3 million passengers a day: TSA smashes records in June as July 4 holiday could bring new peak

July 1, 2025

Passenger demand for air travel continues to surge as we move into the peak summer for the northern hemisphere. In the US, TSA throughput reached an all-time record on Sunday 22 June, when nearly 3.1 million passengers were screened nationwide.
In fact, the TSA has broken records for passenger screenings several times already in 2025. Many of those days occurred in the past few weeks.
As well as the busiest ever day on 22 June, TSA recorded seven other June dates when passenger traffic was at record levels. These included:
- 27 June: 2.99 million passengers
- 19 June: 2.98 million passengers
- 29 June: 2.96 million passengers
- 23 June: 2.95 million passengers
- 26 June: 2.93 million passengers
- 15 June: 2.89 million passengers
Only one other day in 2025 has broken the three million passenger benchmark – 23 May, when 3.01 million passengers passed through TSA checkpoints.

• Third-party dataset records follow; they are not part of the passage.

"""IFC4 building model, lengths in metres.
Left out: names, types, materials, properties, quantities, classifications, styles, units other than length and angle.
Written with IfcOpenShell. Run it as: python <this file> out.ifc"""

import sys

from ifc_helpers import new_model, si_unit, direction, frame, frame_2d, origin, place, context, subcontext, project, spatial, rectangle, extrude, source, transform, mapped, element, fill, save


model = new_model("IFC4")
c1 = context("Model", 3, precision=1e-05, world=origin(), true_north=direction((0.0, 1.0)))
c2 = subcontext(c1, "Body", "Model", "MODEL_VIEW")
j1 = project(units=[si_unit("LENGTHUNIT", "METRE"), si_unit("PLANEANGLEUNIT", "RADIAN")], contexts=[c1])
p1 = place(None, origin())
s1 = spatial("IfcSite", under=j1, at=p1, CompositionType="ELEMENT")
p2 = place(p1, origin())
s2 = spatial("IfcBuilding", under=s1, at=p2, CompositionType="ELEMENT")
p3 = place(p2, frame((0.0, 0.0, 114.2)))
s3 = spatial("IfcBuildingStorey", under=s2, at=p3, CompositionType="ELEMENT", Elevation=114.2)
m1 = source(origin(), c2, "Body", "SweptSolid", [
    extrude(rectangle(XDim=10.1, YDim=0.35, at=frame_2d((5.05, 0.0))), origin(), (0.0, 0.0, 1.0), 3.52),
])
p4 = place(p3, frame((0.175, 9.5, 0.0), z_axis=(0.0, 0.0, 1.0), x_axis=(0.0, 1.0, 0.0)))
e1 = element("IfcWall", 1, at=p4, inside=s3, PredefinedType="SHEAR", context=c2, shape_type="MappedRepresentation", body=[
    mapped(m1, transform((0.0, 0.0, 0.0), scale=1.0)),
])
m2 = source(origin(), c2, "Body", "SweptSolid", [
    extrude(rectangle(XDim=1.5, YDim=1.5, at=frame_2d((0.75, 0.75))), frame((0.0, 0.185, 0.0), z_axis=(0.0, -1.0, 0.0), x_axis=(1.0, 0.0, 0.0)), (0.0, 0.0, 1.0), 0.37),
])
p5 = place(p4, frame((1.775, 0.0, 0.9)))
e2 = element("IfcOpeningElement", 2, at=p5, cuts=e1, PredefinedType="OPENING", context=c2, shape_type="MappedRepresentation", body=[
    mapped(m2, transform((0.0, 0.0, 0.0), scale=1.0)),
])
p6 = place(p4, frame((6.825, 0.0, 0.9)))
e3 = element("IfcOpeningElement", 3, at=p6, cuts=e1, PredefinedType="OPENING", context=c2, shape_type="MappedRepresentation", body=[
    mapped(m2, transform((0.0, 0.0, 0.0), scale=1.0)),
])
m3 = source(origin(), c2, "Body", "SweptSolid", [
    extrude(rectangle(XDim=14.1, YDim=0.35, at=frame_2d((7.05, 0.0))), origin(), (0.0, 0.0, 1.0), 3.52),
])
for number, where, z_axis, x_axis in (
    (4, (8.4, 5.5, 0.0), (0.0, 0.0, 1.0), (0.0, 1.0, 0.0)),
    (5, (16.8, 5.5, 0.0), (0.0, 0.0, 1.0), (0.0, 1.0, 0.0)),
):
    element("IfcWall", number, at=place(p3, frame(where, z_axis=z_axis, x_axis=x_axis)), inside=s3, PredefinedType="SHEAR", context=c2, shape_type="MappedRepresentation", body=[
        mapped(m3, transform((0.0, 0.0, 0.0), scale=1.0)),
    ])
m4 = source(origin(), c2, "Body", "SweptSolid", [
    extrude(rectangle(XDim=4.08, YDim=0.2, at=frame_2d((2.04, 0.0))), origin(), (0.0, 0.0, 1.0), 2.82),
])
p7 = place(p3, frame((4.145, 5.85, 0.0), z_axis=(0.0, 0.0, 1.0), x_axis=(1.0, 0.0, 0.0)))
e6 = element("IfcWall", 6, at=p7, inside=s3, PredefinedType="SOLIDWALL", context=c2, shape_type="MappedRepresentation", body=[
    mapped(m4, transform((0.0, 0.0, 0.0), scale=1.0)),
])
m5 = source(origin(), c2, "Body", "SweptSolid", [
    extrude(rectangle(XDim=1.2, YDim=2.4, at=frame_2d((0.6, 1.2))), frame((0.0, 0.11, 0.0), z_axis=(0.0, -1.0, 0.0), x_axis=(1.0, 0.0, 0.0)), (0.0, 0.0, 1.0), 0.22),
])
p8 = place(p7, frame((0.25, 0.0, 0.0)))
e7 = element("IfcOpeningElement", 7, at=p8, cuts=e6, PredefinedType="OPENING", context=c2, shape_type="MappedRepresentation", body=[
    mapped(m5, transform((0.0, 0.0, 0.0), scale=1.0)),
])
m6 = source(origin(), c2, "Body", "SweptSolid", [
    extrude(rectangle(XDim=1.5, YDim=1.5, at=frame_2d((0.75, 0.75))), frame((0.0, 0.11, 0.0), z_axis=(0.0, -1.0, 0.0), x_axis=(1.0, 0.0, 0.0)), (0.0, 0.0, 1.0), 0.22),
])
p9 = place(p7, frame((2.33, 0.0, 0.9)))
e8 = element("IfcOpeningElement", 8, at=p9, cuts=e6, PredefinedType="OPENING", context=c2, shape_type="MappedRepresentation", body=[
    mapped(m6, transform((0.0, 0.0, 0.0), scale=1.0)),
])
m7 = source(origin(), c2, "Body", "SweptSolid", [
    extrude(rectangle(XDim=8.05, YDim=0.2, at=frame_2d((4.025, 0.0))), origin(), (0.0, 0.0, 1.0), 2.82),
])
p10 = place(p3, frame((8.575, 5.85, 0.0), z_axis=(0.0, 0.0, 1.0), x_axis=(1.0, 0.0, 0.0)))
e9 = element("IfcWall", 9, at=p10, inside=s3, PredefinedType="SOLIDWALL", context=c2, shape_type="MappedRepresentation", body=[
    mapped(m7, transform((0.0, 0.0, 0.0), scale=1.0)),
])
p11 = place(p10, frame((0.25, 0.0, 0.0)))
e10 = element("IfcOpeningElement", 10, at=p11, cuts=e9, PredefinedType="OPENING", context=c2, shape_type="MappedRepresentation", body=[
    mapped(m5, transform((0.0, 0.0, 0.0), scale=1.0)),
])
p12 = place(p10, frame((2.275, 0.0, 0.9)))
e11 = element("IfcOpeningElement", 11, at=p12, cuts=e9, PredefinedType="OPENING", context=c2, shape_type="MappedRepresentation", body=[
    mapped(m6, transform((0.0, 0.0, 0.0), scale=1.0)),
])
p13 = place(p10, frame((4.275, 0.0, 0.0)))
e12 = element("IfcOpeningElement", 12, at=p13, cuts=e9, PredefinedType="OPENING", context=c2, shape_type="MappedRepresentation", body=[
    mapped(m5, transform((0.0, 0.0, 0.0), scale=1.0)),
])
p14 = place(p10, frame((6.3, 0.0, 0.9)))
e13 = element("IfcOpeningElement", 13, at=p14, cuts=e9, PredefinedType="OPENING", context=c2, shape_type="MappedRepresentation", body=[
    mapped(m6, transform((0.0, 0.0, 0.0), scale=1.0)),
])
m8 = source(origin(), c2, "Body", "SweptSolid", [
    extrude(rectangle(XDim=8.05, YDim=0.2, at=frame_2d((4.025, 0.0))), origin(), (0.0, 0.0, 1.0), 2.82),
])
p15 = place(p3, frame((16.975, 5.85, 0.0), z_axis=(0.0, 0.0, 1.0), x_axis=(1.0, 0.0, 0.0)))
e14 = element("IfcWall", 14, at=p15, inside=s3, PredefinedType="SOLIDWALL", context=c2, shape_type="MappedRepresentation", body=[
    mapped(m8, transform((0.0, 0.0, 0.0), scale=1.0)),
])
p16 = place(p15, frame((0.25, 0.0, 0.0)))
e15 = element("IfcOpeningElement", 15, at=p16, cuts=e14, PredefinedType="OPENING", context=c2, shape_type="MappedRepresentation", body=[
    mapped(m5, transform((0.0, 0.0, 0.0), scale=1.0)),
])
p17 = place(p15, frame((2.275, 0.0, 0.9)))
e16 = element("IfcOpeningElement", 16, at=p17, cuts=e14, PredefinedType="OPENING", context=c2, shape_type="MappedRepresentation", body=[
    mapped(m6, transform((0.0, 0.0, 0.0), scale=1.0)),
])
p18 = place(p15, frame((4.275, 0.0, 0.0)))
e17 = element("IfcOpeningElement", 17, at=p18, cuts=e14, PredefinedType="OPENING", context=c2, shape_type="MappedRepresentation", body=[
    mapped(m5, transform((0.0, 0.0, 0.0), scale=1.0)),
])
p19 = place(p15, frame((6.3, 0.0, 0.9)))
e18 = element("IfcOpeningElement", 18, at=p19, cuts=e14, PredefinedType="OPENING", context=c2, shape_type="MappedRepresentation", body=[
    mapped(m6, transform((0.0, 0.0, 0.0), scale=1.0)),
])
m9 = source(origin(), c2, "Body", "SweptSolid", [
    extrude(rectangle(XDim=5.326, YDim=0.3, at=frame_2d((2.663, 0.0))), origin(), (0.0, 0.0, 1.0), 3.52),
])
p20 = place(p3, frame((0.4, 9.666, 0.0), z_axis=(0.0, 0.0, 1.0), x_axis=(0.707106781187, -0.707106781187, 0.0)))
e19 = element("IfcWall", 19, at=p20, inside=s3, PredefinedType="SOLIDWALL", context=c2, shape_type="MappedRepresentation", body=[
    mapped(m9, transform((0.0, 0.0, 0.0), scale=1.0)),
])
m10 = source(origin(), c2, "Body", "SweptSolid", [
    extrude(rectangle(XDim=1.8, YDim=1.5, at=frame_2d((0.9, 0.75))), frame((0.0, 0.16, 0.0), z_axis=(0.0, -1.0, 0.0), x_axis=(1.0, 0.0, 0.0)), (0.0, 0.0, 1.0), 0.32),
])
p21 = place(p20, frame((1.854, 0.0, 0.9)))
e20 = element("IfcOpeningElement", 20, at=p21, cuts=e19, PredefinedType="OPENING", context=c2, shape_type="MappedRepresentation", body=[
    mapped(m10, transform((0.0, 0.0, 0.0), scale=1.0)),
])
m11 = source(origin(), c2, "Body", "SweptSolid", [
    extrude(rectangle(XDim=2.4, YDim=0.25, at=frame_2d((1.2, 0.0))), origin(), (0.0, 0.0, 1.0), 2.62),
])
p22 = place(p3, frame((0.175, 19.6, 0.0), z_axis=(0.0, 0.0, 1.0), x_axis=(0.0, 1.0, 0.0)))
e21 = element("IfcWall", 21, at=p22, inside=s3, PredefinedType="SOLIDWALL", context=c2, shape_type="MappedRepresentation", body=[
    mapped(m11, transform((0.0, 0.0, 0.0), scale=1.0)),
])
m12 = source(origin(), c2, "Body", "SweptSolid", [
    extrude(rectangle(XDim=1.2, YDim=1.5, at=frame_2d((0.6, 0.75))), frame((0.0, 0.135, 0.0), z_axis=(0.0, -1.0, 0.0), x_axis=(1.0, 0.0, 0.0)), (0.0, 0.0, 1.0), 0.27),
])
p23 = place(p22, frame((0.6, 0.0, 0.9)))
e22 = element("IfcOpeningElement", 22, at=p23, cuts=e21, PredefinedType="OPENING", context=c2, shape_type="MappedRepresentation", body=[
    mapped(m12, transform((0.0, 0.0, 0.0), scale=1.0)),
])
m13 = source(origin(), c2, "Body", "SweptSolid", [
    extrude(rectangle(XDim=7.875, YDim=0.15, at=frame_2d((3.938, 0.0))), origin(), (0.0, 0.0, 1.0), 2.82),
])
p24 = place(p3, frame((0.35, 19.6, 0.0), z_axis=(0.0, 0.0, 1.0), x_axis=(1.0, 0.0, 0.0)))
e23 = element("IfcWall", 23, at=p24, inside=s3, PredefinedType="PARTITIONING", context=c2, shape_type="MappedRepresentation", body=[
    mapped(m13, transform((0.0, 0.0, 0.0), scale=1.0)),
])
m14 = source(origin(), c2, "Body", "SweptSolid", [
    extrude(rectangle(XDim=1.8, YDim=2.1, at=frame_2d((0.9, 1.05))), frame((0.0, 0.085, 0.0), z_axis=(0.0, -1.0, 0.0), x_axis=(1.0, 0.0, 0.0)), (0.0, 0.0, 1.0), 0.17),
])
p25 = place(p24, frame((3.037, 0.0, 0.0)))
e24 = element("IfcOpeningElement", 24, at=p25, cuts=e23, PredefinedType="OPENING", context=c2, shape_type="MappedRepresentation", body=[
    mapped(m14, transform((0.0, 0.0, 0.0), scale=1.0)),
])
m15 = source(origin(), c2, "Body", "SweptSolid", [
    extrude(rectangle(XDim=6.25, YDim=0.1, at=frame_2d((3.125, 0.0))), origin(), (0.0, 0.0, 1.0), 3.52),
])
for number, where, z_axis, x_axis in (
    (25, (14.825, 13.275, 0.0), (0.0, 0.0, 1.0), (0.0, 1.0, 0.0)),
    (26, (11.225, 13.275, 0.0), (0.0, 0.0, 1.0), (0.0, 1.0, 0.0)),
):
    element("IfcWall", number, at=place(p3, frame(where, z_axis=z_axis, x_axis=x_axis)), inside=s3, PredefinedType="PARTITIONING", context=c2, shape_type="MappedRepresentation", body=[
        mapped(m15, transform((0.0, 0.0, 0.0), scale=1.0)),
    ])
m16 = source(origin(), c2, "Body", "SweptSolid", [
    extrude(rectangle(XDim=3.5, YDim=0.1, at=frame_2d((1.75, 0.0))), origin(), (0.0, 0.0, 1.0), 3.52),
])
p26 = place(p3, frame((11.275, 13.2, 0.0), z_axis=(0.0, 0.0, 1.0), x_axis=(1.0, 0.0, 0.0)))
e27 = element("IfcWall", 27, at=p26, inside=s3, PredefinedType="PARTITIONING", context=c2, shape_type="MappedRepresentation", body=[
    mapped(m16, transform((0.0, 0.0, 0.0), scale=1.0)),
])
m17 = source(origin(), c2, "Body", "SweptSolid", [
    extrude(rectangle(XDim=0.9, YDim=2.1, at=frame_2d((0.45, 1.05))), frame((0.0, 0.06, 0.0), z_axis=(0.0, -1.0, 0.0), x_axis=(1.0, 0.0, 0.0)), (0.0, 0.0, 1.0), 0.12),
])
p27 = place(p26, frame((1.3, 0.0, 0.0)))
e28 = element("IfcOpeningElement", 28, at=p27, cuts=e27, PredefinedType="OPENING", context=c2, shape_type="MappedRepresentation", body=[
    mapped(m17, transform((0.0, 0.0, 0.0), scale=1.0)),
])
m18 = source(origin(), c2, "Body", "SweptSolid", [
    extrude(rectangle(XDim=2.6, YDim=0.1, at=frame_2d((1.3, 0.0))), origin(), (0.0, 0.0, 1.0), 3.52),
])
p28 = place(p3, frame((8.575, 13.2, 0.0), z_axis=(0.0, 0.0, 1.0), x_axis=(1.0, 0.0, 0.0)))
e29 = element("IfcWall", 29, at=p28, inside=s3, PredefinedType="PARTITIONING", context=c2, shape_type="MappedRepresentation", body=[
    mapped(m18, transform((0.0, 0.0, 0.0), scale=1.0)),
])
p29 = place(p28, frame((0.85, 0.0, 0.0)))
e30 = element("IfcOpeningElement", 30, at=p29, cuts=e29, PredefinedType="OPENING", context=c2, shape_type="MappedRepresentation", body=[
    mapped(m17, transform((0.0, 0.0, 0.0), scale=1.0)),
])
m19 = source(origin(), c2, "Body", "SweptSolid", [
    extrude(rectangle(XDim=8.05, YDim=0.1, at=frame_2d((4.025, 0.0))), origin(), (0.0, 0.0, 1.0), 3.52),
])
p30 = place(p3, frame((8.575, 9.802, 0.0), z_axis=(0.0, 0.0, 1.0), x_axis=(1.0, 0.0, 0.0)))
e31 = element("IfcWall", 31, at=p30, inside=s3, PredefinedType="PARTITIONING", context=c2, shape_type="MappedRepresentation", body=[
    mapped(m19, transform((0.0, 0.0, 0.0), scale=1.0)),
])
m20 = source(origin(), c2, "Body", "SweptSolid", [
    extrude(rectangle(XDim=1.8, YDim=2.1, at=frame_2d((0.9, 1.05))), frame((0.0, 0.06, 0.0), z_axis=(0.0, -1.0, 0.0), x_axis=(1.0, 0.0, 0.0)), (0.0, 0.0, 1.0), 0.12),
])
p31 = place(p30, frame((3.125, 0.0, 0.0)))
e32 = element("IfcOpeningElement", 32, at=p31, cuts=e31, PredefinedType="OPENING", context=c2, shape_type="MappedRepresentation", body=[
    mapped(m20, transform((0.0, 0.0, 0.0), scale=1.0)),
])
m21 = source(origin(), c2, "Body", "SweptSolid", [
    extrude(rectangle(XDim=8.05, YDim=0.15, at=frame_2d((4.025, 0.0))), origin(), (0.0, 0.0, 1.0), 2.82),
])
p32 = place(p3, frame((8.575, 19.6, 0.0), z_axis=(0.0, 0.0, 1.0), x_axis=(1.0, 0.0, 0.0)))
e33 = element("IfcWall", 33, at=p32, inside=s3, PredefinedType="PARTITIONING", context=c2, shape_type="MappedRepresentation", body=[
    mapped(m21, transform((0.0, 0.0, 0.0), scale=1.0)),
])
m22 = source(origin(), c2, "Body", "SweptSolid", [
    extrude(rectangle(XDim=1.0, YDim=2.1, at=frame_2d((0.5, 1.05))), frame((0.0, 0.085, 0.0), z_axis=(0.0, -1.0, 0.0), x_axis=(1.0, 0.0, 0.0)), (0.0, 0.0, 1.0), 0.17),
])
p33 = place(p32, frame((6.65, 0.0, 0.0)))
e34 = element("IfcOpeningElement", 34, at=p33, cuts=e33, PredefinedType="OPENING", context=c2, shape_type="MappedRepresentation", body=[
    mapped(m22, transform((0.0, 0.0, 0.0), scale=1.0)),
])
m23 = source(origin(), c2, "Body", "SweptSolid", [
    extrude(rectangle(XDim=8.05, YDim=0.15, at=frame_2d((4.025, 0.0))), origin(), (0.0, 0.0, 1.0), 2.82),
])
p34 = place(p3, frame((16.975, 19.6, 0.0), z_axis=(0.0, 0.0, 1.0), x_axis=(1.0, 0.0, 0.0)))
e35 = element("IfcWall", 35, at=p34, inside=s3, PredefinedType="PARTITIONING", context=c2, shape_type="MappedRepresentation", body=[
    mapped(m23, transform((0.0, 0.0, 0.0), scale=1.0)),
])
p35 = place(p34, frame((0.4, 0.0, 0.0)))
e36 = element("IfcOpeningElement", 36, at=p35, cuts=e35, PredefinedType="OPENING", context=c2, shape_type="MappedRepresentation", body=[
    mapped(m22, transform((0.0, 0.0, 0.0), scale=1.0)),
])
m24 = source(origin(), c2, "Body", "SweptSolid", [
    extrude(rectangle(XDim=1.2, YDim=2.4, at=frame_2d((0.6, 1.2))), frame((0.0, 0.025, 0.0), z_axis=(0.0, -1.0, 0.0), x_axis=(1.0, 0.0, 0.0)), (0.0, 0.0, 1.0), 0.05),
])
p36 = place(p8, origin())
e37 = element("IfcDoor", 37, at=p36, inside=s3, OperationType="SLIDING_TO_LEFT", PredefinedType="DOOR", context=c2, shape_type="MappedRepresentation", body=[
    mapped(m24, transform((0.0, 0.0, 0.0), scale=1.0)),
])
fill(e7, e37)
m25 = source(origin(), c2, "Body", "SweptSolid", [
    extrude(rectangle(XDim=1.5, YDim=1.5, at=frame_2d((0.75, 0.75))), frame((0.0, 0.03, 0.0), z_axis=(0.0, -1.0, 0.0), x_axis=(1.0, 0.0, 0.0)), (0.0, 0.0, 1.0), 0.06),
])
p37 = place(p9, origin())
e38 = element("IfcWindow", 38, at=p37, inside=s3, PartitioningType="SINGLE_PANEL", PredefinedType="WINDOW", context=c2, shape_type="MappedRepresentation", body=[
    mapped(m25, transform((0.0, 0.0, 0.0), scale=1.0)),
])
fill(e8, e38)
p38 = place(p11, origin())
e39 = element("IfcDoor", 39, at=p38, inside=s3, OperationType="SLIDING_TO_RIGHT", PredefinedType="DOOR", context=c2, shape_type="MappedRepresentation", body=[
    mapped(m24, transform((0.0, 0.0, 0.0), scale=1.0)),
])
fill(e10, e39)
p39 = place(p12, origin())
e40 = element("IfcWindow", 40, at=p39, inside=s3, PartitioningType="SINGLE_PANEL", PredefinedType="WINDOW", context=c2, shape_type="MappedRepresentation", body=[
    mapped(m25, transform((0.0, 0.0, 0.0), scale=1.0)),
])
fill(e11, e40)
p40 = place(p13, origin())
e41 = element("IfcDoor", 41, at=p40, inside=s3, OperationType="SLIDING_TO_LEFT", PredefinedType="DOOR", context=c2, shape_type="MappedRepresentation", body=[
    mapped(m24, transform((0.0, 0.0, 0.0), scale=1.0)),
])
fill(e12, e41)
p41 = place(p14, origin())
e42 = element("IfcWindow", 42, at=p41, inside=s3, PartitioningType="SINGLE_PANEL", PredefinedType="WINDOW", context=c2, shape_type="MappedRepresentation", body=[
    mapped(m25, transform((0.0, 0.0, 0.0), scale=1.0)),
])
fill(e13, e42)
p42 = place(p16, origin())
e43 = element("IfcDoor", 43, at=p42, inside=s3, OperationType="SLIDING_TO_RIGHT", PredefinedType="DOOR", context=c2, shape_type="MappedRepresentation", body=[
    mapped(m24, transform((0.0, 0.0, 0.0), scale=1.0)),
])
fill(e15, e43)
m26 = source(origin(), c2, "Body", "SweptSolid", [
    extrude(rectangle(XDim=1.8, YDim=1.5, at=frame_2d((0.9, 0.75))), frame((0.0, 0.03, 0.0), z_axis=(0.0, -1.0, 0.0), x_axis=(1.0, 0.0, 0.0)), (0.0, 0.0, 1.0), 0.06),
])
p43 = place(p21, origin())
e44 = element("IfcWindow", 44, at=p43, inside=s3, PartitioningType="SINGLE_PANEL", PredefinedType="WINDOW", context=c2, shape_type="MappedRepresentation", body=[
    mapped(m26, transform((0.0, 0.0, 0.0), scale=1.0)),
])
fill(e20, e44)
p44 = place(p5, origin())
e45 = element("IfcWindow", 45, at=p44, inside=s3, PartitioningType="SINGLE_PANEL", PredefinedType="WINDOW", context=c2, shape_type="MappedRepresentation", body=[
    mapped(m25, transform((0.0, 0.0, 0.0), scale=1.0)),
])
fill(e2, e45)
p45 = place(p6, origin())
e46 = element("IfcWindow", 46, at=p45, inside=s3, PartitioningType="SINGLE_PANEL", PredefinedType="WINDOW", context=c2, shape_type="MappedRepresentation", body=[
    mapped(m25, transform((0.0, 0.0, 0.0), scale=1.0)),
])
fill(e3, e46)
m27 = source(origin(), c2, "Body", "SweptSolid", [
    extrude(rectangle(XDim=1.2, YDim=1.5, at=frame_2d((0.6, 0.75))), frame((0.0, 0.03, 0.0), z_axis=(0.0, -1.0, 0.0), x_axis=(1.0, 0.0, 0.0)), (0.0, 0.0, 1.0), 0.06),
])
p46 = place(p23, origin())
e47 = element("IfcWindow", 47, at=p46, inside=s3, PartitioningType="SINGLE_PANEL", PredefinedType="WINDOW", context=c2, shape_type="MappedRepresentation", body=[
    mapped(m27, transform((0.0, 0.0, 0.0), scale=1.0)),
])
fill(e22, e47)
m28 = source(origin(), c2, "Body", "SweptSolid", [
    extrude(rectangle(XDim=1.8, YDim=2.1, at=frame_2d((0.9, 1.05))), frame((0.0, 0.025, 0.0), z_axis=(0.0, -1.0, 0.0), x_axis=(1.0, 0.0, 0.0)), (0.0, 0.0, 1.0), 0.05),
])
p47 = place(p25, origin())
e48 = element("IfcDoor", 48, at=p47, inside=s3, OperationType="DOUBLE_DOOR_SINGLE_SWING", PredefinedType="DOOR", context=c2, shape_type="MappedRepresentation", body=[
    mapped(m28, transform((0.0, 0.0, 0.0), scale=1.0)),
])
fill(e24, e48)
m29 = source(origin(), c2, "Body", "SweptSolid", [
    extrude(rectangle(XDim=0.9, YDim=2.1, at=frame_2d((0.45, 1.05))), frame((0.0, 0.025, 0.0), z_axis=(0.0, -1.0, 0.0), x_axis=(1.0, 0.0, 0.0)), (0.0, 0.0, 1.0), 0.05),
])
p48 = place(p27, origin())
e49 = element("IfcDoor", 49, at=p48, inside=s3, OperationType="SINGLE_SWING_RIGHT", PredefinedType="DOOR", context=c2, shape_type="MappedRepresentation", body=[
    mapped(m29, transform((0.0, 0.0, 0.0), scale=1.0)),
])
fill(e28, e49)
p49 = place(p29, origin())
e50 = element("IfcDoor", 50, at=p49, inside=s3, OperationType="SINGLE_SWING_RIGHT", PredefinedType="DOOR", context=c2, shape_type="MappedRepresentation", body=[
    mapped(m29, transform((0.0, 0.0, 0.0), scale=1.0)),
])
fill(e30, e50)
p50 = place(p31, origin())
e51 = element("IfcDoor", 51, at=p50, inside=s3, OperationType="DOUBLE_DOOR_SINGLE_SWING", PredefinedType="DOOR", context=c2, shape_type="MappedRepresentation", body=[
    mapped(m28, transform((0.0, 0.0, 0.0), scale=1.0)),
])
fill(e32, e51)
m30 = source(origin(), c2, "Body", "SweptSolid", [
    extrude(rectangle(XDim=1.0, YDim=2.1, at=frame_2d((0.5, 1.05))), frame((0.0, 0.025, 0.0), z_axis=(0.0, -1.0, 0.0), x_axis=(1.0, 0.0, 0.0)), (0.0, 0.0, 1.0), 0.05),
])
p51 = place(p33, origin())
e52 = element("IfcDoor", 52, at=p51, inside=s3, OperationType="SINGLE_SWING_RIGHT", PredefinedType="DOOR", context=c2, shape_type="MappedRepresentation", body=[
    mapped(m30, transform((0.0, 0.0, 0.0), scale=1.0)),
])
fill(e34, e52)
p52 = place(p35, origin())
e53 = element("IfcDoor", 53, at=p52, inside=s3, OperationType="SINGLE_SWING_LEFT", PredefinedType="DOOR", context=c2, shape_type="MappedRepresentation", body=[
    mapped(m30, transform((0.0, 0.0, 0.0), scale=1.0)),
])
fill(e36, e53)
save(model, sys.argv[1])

Historically, the first time more than three million passengers were screened was 7 July, 2024, when 3.01 million passed through checkpoints after the 4th of July holiday celebrations. Thanksgiving Sunday last year also saw just over three million, setting a new single-day record for the TSA.
Could the 4th of July 2024 see TSA records broken again?
Given the high demand for travel last month, it’s possible throughput could be even higher as we approach the Independence Day holiday.
The agency expects to screen over 18.5 million air passengers between 1 and 7 July, with the busiest day projected to be Sunday, 6 July. At present, the TSA estimates around 2.9 million travelers, but there’s a high potential for the numbers to break the three million barrier again.
Several airports have revealed their forecasts for 4th of July travel, and it’s not just the big hubs that are sagging under the weight of travel demand.

Houston airports, covering both George Bush (IAH) and Hobby (HOU) told the Houston Chronicle they expect up to 217,000 passengers per day on the peak travel days this week. The airports say this is 11% more than the same travel period last year.
Given the airports’ combined capacity of 63 million passengers a year, this is in excess of its average daily capacity limit of 172,603.
The FAA told Skift it is “preparing for the busiest Fourth of July week we’ve seen in 15 years,” with more than 300,000 flights expected.
Can air travel demand keep growing?
IATA’s latest data for May 2025 shows that global air travel demand remains strong, up 5.0% year-on-year, with capacity growth keeping pace and load factors steady at 83.4%.
However, in North America, growth has been moderate. Passenger demand declined 0.5% in May 2025, a sharp contrast with the double-digit growth we saw in 2024. IATA Director General Willie Walsh said this was “led by a 1.7% fall in the US domestic market.”
Conversely, markets in Asia-Pacific and Latin America continue to drive global growth.

APAC saw an increase in demand of 9.4%, with available seats only growing 7.1%. Consequently, load factors rose by 1.8% to a high of 83.8%.
In Latin America, demand was up 8.5% although capacity growth was even higher, up 9.6%, leading to a 0.8% reduction in load factor.
“Consumer confidence appears to be strong with forward bookings for the peak Northern summer travel season, giving good reason for optimism,” Walsh concluded.